Ya veremos qué pasa

**Diario personal**

¡Eso ya lo veremos!

¡No! Mientras vivamos en este manicomio con tu madre y Lucía, ¡no habrá boda!

Carmen, ¿por qué ser tan radical? Podemos alquilar el vestido, aún tenemos tiempo. O posponer la boda si prefieres Podemos solucionarlo con calma susurró Javier, resignado.

No lo entiendes Carmen cruzó los brazos. No es el vestido. Es que aquí estoy como en una guerra. Tu hermana ya es toda una mocosa malcriada, y tu madre, María del Carmen, es la culpable de todo.

A Javier no le gustó ese comentario, aunque en parte Carmen tenía razón. En su momento, María del Carmen, sin querer o adrede, había enfrentado a su hija contra su futura nuera.

Carmen y Javier se conocieron en la universidad. Su relación avanzó lentamente porque ninguno tenía independencia económica. Él vivía con su familia.

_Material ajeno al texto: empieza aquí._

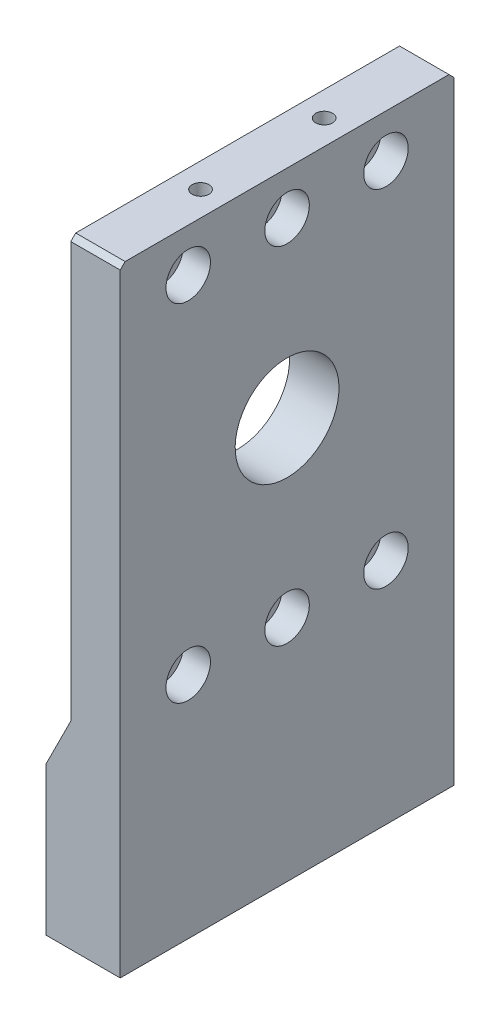
SolidWorks part; units mm, degrees
ref_plane "Front Plane" through (0, 0, 0) normal (0, 0, 1) x (1, 0, 0)
ref_plane "Top Plane" through (0, 0, 0) normal (0, 1, 0) x (1, 0, 0)
ref_plane "Right Plane" through (0, 0, 0) normal (1, 0, 0) x (0, 0, -1)
sketch "Sketch1" plane through (0, 0, 0) normal (0, 0, 1) x (1, 0, 0)
  line L0 (0, 0) -> (0, 60)
  line L1 (0, 60) -> (10, 80)
  line L2 (10, 80) -> (10, 250)
  line L3 (10, 250) -> (30, 250)
  line L4 (30, 250) -> (30, 0)
  line L5 (30, 0) -> (0, 0)
  dimension "D1" = 30
  dimension "D2" = 20
  dimension "D3" = 60
  dimension "D4" = 250
  dimension "D5" = 20
extrude "Boss-Extrude1" add sketch "Sketch1" along normal mid plane 135
hole_wizard "M8 Tapped Hole1" positions "Sketch3" profile "Sketch2" tap size "M8" standard "GB"
sketch "Sketch3" plane through (0, 0, 0) normal (0, -1, 0) x (1, 0, 0)
  line L0 (15, 67.5) -> (15, -51.8972) construction
  line L1 (0, 67.5) -> (30, 67.5) construction
  line L3 (0, 0) -> (48, 0) construction
  point P1 (6, -42.5)
  point P3 (24, -42.5)
  point P5 (24, 0)
  point P7 (6, 0)
  point P9 (6, 42.5)
  point P11 (24, 42.5)
  dimension "D1" = 18
  dimension "D2" = 85
sketch "Sketch2" plane through (6, 0, -42.5) normal (1, 0, 0) x (0, 0, -1)
  line L0 (0, 0) -> (0, 21.7929)
  line L1 (0, 21.7929) -> (3.4, 19.75)
  line L2 (3.4, 19.75) -> (3.4, 0)
  line L5 (3.4, 0) -> (0, 0)
  line L10 (0, 21.7929) -> (-3.4, 19.75) construction
  line L11 (0, -6.35) -> (0, 107.95) construction
  dimension "螺纹孔钻头直径" = 6.8
  dimension "螺纹孔钻头深度" = 19.75
  dimension "导头角度" = 118
cosmetic thread "Cosmetic Thread1" parameters "D1"=16, "D2"=8
cosmetic thread "Cosmetic Thread2" parameters "D1"=16, "D2"=8
cosmetic thread "Cosmetic Thread3" parameters "D1"=16, "D2"=8
cosmetic thread "Cosmetic Thread4" parameters "D1"=16, "D2"=8
cosmetic thread "Cosmetic Thread5" parameters "D1"=16, "D2"=8
cosmetic thread "Cosmetic Thread6" parameters "D1"=16, "D2"=8
hole_wizard "Hole size per socket head cap screw type1" positions "Sketch7" profile "Sketch6" counterbore size "M10" standard "Gb" end condition through all
sketch "Sketch7" plane through (30, 0, 0) normal (1, 0, 0) x (0, 0, -1)
  line L0 (0, 250) -> (0, -12.5931) construction
  line L1 (-67.5, 250) -> (67.5, 250) construction
  point P2 (-40, 232.5)
  point P4 (40, 232.5)
  point P6 (40, 92.5)
  point P8 (-40, 92.5)
  point P18 (0, 232.5)
  point P20 (0, 92.5)
  dimension "D1" = 80
  dimension "D2" = 17.5
  dimension "D3" = 140
sketch "Sketch6" plane through (30, 232.5, 40) normal (0, 1, 0) x (0, 0, -1)
  line L0 (0, 0) -> (0, 30)
  line L1 (0, 30) -> (5.5, 30)
  line L3 (5.5, 30) -> (5.5, 11)
  line L4 (5.5, 11) -> (9, 11)
  line L5 (9, 11) -> (9, 0)
  line L7 (9, 0) -> (0, 0)
  line L11 (0, -6.35) -> (0, 107.95) construction
  dimension "通孔孔直径" = 11
  dimension "通孔孔深度" = 30
  dimension "柱形沉头孔直径" = 18
  dimension "柱形沉头孔深度" = 11
sketch "Sketch8" plane through (10, 0, 0) normal (-1, 0, 0) x (0, 0, 1)
  line L0 (67.5, 250) -> (-67.5, 250) construction
  line L1 (0, 250) -> (0, 80) construction
  line L2 (67.5, 80) -> (-67.5, 80) construction
  circle A0 centre (0, 162.5) radius 21
  dimension "D1" = 42
  dimension "D2" = 87.5
extrude "Cut-Extrude1" cut sketch "Sketch8" against normal through all
hole_wizard "M8 Tapped Hole2" positions "Sketch10" profile "Sketch9" tap size "M8" standard "GB"
sketch "Sketch10" plane through (0, 250, 0) normal (0, 1, 0) x (-1, 0, 0)
  line L0 (-20, -67.5) -> (-20, 72.0244) construction
  line L1 (-30, -67.5) -> (-10, -67.5) construction
  line L3 (-10, 0) -> (-30, 0) construction
  line L4 (-10, 67.5) -> (-10, -67.5) construction
  line L5 (-30, 67.5) -> (-30, -67.5) construction
  point P0 (-20, -25)
  point P3 (-20, 25)
  dimension "D1" = 50
sketch "Sketch9" plane through (20, 250, -25) normal (1, 0, 0) x (0, 0, 1)
  line L0 (0, 0) -> (0, 21.7929)
  line L1 (0, 21.7929) -> (3.4, 19.75)
  line L2 (3.4, 19.75) -> (3.4, 0)
  line L5 (3.4, 0) -> (0, 0)
  line L10 (0, 21.7929) -> (-3.4, 19.75) construction
  line L11 (0, -6.35) -> (0, 107.95) construction
  dimension "螺纹孔钻头直径" = 6.8
  dimension "螺纹孔钻头深度" = 19.75
  dimension "导头角度" = 118
cosmetic thread "Cosmetic Thread7" parameters "D1"=16, "D2"=8
cosmetic thread "Cosmetic Thread8" parameters "D1"=16, "D2"=8
chamfer "Chamfer1" distance 2 angle 45 2 edges at (20, 250, -67.5) (20, 250, 67.5)
hole_wizard "M3 Tapped Hole1" positions "Sketch12" profile "Sketch11" tap size "M3" standard "Gb"
sketch "Sketch12" plane through (10, 0, 0) normal (-1, 0, 0) x (0, 0, 1)
  line L2 (-67.5, 248) -> (-67.5, 80) construction
  line L3 (65.5, 250) -> (-65.5, 250) construction
  point P1 (-37.5, 152.5)
  point P4 (-37.5, 172.5)
  dimension "D1" = 30
  dimension "D2" = 20
  dimension "D3" = 77.5
sketch "Sketch11" plane through (10, 152.5, -37.5) normal (0, 1, 0) x (0, 0, 1)
  line L0 (0, 0) -> (0, 8.2511)
  line L1 (0, 8.2511) -> (1.25, 7.5)
  line L2 (1.25, 7.5) -> (1.25, 0)
  line L5 (1.25, 0) -> (0, 0)
  line L10 (0, 8.2511) -> (-1.25, 7.5) construction
  line L11 (0, -6.35) -> (0, 107.95) construction
  dimension "螺纹孔钻头直径" = 2.5
  dimension "螺纹孔钻头深度" = 7.5
  dimension "导头角度" = 118
cosmetic thread "Cosmetic Thread9" parameters "D1"=6, "D2"=3
cosmetic thread "Cosmetic Thread10" parameters "D1"=6, "D2"=3
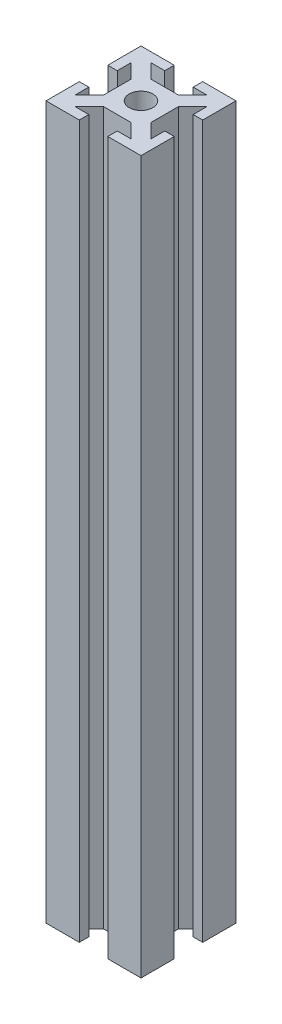
from build123d import *

# Parameters (mm, degrees)
SKETCH1_R           = 5
BOSS_EXTRUDE1_DEPTH = 300


with BuildPart() as part:
    # Sketch1 → Boss-Extrude1 (new body)
    with BuildSketch(Plane(origin=(0, 0, 0), x_dir=(1, 0, 0), z_dir=(0, 1, 0))):
        Polygon((-6, 20), (-6, 16), (-11.757359313, 16), (-5.757359313, 10), (5.757359313, 10), (11.757359313, 16), (6, 16), (6, 20), (20, 20), (20, 6), (16, 6), (16, 11.757359313), (10, 5.757359313), (10, -5.757359313), (16, -11.757359313), (16, -6), (20, -6), (20, -20), (6, -20), (6, -16), (11.757359313, -16), (5.757359313, -10), (-5.757359313, -10), (-11.757359313, -16), (-6, -16), (-6, -20), (-20, -20), (-20, -6), (-16, -6), (-16, -11.757359313), (-10, -5.757359313), (-10, 5.757359313), (-16, 11.757359313), (-16, 6), (-20, 6), (-20, 20), align=None)
        with Locations(Location((0, 0, 0), (0, 0, 270))):
            Circle(SKETCH1_R, mode=Mode.SUBTRACT)
    extrude(amount=BOSS_EXTRUDE1_DEPTH)


solid = part.part

Lo justificaba diciendo que era «por comodidad».

Tengo un piso heredado de mi abuela. Pero no lo necesitamos aún, así que mi madre lo alquila. Cuando haga falta, lo reformaremos decía Javier.

Al año, el piso hizo falta. Javier decidió que era hora de dar el siguiente paso. Ambos ya tenían sus títulos y trabajo estable, así que no había razón para esperar.

Viviremos con mi madre un tiempo, luego nos casaremos y nos mudaremos planeó en voz alta. En seis meses, como mucho, tendremos nuestra propia casa.

Al principio, Carmen se ilusionó. Sonaba bien. Pero luego recapacitó: no tenían experiencia conviviendo, y ella iba directa al campo de batalla con su futura suegra. ¿Acabaría eso con su amor?

Casi lo consigue.

María del Carmen no era la típica suegra posesiva. Hasta prometió ayudar con la boda. Cocinaba para todos, aunque Carmen intentó colaborar. No discutía ni exigía. El problema era otro.

Su método de crianza era peculiar. Con Lucía, su hija menor, era más estricta, quizás con razón. La niña era insoportablemente mimada y necesitaba tacto. María del Carmen no lo tenía.

Una tarde, Carmen presenció una escena familiar. Mientras preparaba té, María revisó el cuaderno de Lucía y encontró suspensos y malas notas.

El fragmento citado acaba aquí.